In 1992, the newest addition to the main hospital was completed and housed the Surgical Intensive Care Unit with 12 beds and the Cardiovascular Intensive Care Unit with 10 beds. In 1993, the Outpatient Surgery Center opened for outpatient surgical procedures, with 5 operating rooms, 5 endoscopy suites, and 2 laser rooms. The name of the hospital changed in 1996 to St. Elizabeth Health Center-Humility of Mary Health Services, and in 1999 to Humility of Mary Health Partners.

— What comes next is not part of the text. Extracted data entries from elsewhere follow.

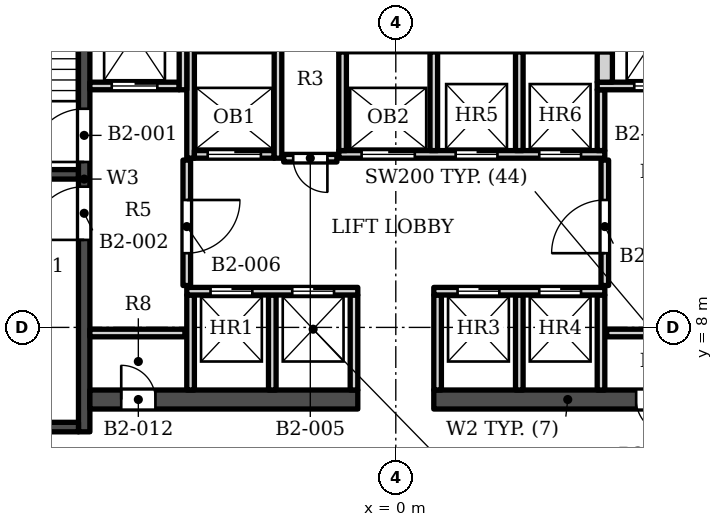
"""IFC4 building model, lengths in metres.
Left out: names, types, materials, properties, quantities, classifications, styles, units other than length and angle.
Written with IfcOpenShell. Run it as: python <this file> out.ifc"""

import sys

from ifc_helpers import new_model, si_unit, direction, frame, frame_2d, origin, place, context, subcontext, project, spatial, rectangle, extrude, element, fill, save


model = new_model("IFC4")
c1 = context("Model", 3, precision=1e-05, world=origin(), true_north=direction((0.0, 1.0)))
c2 = subcontext(c1, "Body", "Model", "MODEL_VIEW")
j1 = project(units=[si_unit("LENGTHUNIT", "METRE"), si_unit("PLANEANGLEUNIT", "RADIAN")], contexts=[c1])
p1 = place(None, origin())
s1 = spatial("IfcSite", under=j1, at=p1, CompositionType="ELEMENT")
p2 = place(p1, origin())
s2 = spatial("IfcBuilding", under=s1, at=p2, CompositionType="ELEMENT")
p3 = place(p2, frame((0.0, 0.0, -10.0)))
s3 = spatial("IfcBuildingStorey", under=s2, at=p3, CompositionType="ELEMENT", Elevation=-10.0)
p4 = place(p3, frame((-8.2, 5.253, -1.6), z_axis=(0.0, 0.0, 1.0), x_axis=(0.0, 1.0, 0.0)))
e1 = element("IfcWall", 1, at=p4, inside=s3, PredefinedType="SHEAR", context=c2, shape_type="SweptSolid", body=[
    extrude(rectangle(XDim=13.3, YDim=0.3, at=frame_2d((6.65, 0.0))), origin(), (0.0, 0.0, 1.0), 6.6),
])
p5 = place(p4, frame((7.1, 0.0, 1.6)))
e2 = element("IfcOpeningElement", 2, at=p5, cuts=e1, PredefinedType="OPENING", context=c2, shape_type="SweptSolid", body=[
    extrude(rectangle(XDim=1.4, YDim=2.1, at=frame_2d((0.7, 1.05))), frame((0.0, 0.16, 0.0), z_axis=(0.0, -1.0, 0.0), x_axis=(1.0, 0.0, 0.0)), (0.0, 0.0, 1.0), 0.32),
])
p6 = place(p4, frame((5.05, 0.0, 1.6)))
e3 = element("IfcOpeningElement", 3, at=p6, cuts=e1, PredefinedType="OPENING", context=c2, shape_type="SweptSolid", body=[
    extrude(rectangle(XDim=1.4, YDim=2.1, at=frame_2d((0.7, 1.05))), frame((0.0, 0.16, 0.0), z_axis=(0.0, -1.0, 0.0), x_axis=(1.0, 0.0, 0.0)), (0.0, 0.0, 1.0), 0.32),
])
for number, where, z_axis, x_axis in (
    (4, (-12.1, 12.028, -1.6), (0.0, 0.0, 1.0), (1.0, 0.0, 0.0)),
    (5, (-12.1, 5.378, -1.6), (0.0, 0.0, 1.0), (1.0, 0.0, 0.0)),
):
    element("IfcWall", number, at=place(p3, frame(where, z_axis=z_axis, x_axis=x_axis)), inside=s3, PredefinedType="SHEAR", context=c2, shape_type="SweptSolid", body=[
        extrude(rectangle(XDim=3.75, YDim=0.25, at=frame_2d((1.875, 0.0))), origin(), (0.0, 0.0, 1.0), 6.6),
    ])
p7 = place(p3, frame((-8.05, 6.103, -1.6), z_axis=(0.0, 0.0, 1.0), x_axis=(1.0, 0.0, 0.0)))
e6 = element("IfcWall", 6, at=p7, inside=s3, PredefinedType="SHEAR", context=c2, shape_type="SweptSolid", body=[
    extrude(rectangle(XDim=7.05, YDim=0.5, at=frame_2d((3.525, 0.0))), origin(), (0.0, 0.0, 1.0), 6.6),
])
p8 = place(p7, frame((0.825, 0.0, 1.6)))
e7 = element("IfcOpeningElement", 7, at=p8, cuts=e6, PredefinedType="OPENING", context=c2, shape_type="SweptSolid", body=[
    extrude(rectangle(XDim=0.9, YDim=2.1, at=frame_2d((0.45, 1.05))), frame((0.0, 0.26, 0.0), z_axis=(0.0, -1.0, 0.0), x_axis=(1.0, 0.0, 0.0)), (0.0, 0.0, 1.0), 0.52),
])
p9 = place(p3, frame((1.0, 6.103, -1.6), z_axis=(0.0, 0.0, 1.0), x_axis=(1.0, 0.0, 0.0)))
e8 = element("IfcWall", 8, at=p9, inside=s3, PredefinedType="SHEAR", context=c2, shape_type="SweptSolid", body=[
    extrude(rectangle(XDim=7.05, YDim=0.5, at=frame_2d((3.525, 0.0))), origin(), (0.0, 0.0, 1.0), 6.6),
])
p10 = place(p9, frame((5.325, 0.0, 1.6)))
e9 = element("IfcOpeningElement", 9, at=p10, cuts=e8, PredefinedType="OPENING", context=c2, shape_type="SweptSolid", body=[
    extrude(rectangle(XDim=0.9, YDim=2.1, at=frame_2d((0.45, 1.05))), frame((0.0, 0.26, 0.0), z_axis=(0.0, -1.0, 0.0), x_axis=(1.0, 0.0, 0.0)), (0.0, 0.0, 1.0), 0.52),
])
for number, where, z_axis, x_axis in (
    (10, (-5.4, 6.353, 0.0), (0.0, 0.0, 1.0), (0.0, 1.0, 0.0)),
    (11, (-3.25, 6.353, 0.0), (0.0, 0.0, 1.0), (0.0, 1.0, 0.0)),
    (12, (-1.1, 6.353, 0.0), (0.0, 0.0, 1.0), (0.0, 1.0, 0.0)),
    (13, (1.1, 6.353, 0.0), (0.0, 0.0, 1.0), (0.0, 1.0, 0.0)),
    (14, (3.25, 6.353, 0.0), (0.0, 0.0, 1.0), (0.0, 1.0, 0.0)),
    (15, (5.4, 6.353, 0.0), (0.0, 0.0, 1.0), (0.0, 1.0, 0.0)),
    (16, (-8.05, 7.853, 0.0), (0.0, 0.0, 1.0), (1.0, 0.0, 0.0)),
    (17, (5.55, 7.853, 0.0), (0.0, 0.0, 1.0), (1.0, 0.0, 0.0)),
):
    element("IfcWall", number, at=place(p3, frame(where, z_axis=z_axis, x_axis=x_axis)), inside=s3, PredefinedType="SOLIDWALL", context=c2, shape_type="SweptSolid", body=[
        extrude(rectangle(XDim=2.5, YDim=0.2, at=frame_2d((1.25, 0.0))), origin(), (0.0, 0.0, 1.0), 4.5),
    ])
p11 = place(p3, frame((-5.5, 8.953, 0.0), z_axis=(0.0, 0.0, 1.0), x_axis=(1.0, 0.0, 0.0)))
e18 = element("IfcWall", 18, at=p11, inside=s3, PredefinedType="SOLIDWALL", context=c2, shape_type="SweptSolid", body=[
    extrude(rectangle(XDim=4.5, YDim=0.2, at=frame_2d((2.25, 0.0))), origin(), (0.0, 0.0, 1.0), 4.5),
])
p12 = place(p11, frame((0.625, 0.0, 0.0)))
e19 = element("IfcOpeningElement", 19, at=p12, cuts=e18, PredefinedType="OPENING", context=c2, shape_type="SweptSolid", body=[
    extrude(rectangle(XDim=1.1, YDim=2.1, at=frame_2d((0.55, 1.05))), frame((0.0, 0.11, 0.0), z_axis=(0.0, -1.0, 0.0), x_axis=(1.0, 0.0, 0.0)), (0.0, 0.0, 1.0), 0.22),
])
p13 = place(p11, frame((2.775, 0.0, 0.0)))
e20 = element("IfcOpeningElement", 20, at=p13, cuts=e18, PredefinedType="OPENING", context=c2, shape_type="SweptSolid", body=[
    extrude(rectangle(XDim=1.1, YDim=2.1, at=frame_2d((0.55, 1.05))), frame((0.0, 0.11, 0.0), z_axis=(0.0, -1.0, 0.0), x_axis=(1.0, 0.0, 0.0)), (0.0, 0.0, 1.0), 0.22),
])
p14 = place(p3, frame((1.0, 8.953, 0.0), z_axis=(0.0, 0.0, 1.0), x_axis=(1.0, 0.0, 0.0)))
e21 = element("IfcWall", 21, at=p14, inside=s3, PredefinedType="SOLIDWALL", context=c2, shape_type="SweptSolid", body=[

A 15-hour course for ultrasound testing was held at the hospital in 1999, resulting in certification for 10 general surgeons. Bariatric surgery was performed here in 2002. In 2005, percutaneous mesh was used by urologists to repair vaginal wall defects and prolapse. In 2006, an addition was built adjacent to the surgery suite of the main hospital to include 7 new operating rooms that are equipped with the latest technology, computerized charting and viewing, and flooring implanted with antibacterial agents. The renovation also included the construction of the South Pavilion Surgical Lobby, a waiting area for families of patients having surgery. The Pavilion consists of the lobby, the Espresso Café, and The Gift Shoppe. In 2006, the outpatient surgery department was transferred back to the main hospital from the Outpatient Surgery Center.
The new, 108-bed St. Elizabeth Boardman Health Center opened on August 1, 2007, with 5 operating rooms and 20 preoperative and secondary recovery beds, including inpatient, outpatient, cysto, and endoscopy services. Also in 2007, the da Vinci Surgical System, a state-of-the-art robotic surgical system was introduced to surgical patients for prostatectomy, cystectomy, and pyeloplasty. Partners for Urology Health, a comprehensive prostate cancer treatment center, was opened in May of 2009, focusing on state-of-the-art technology.
Today, 2010, St. Elizabeth Health Center is an acute care hospital with 550 beds and 60 bassinets. Recently, the vision of community and hospital leaders led to the announcement that an $8 million Joanie Abdu Comprehensive Breast Care Center will be built next year to be the only such center between Cleveland and Pittsburgh, to feature a multi-disciplinary team approach to the diagnosis and treatment of breast cancer.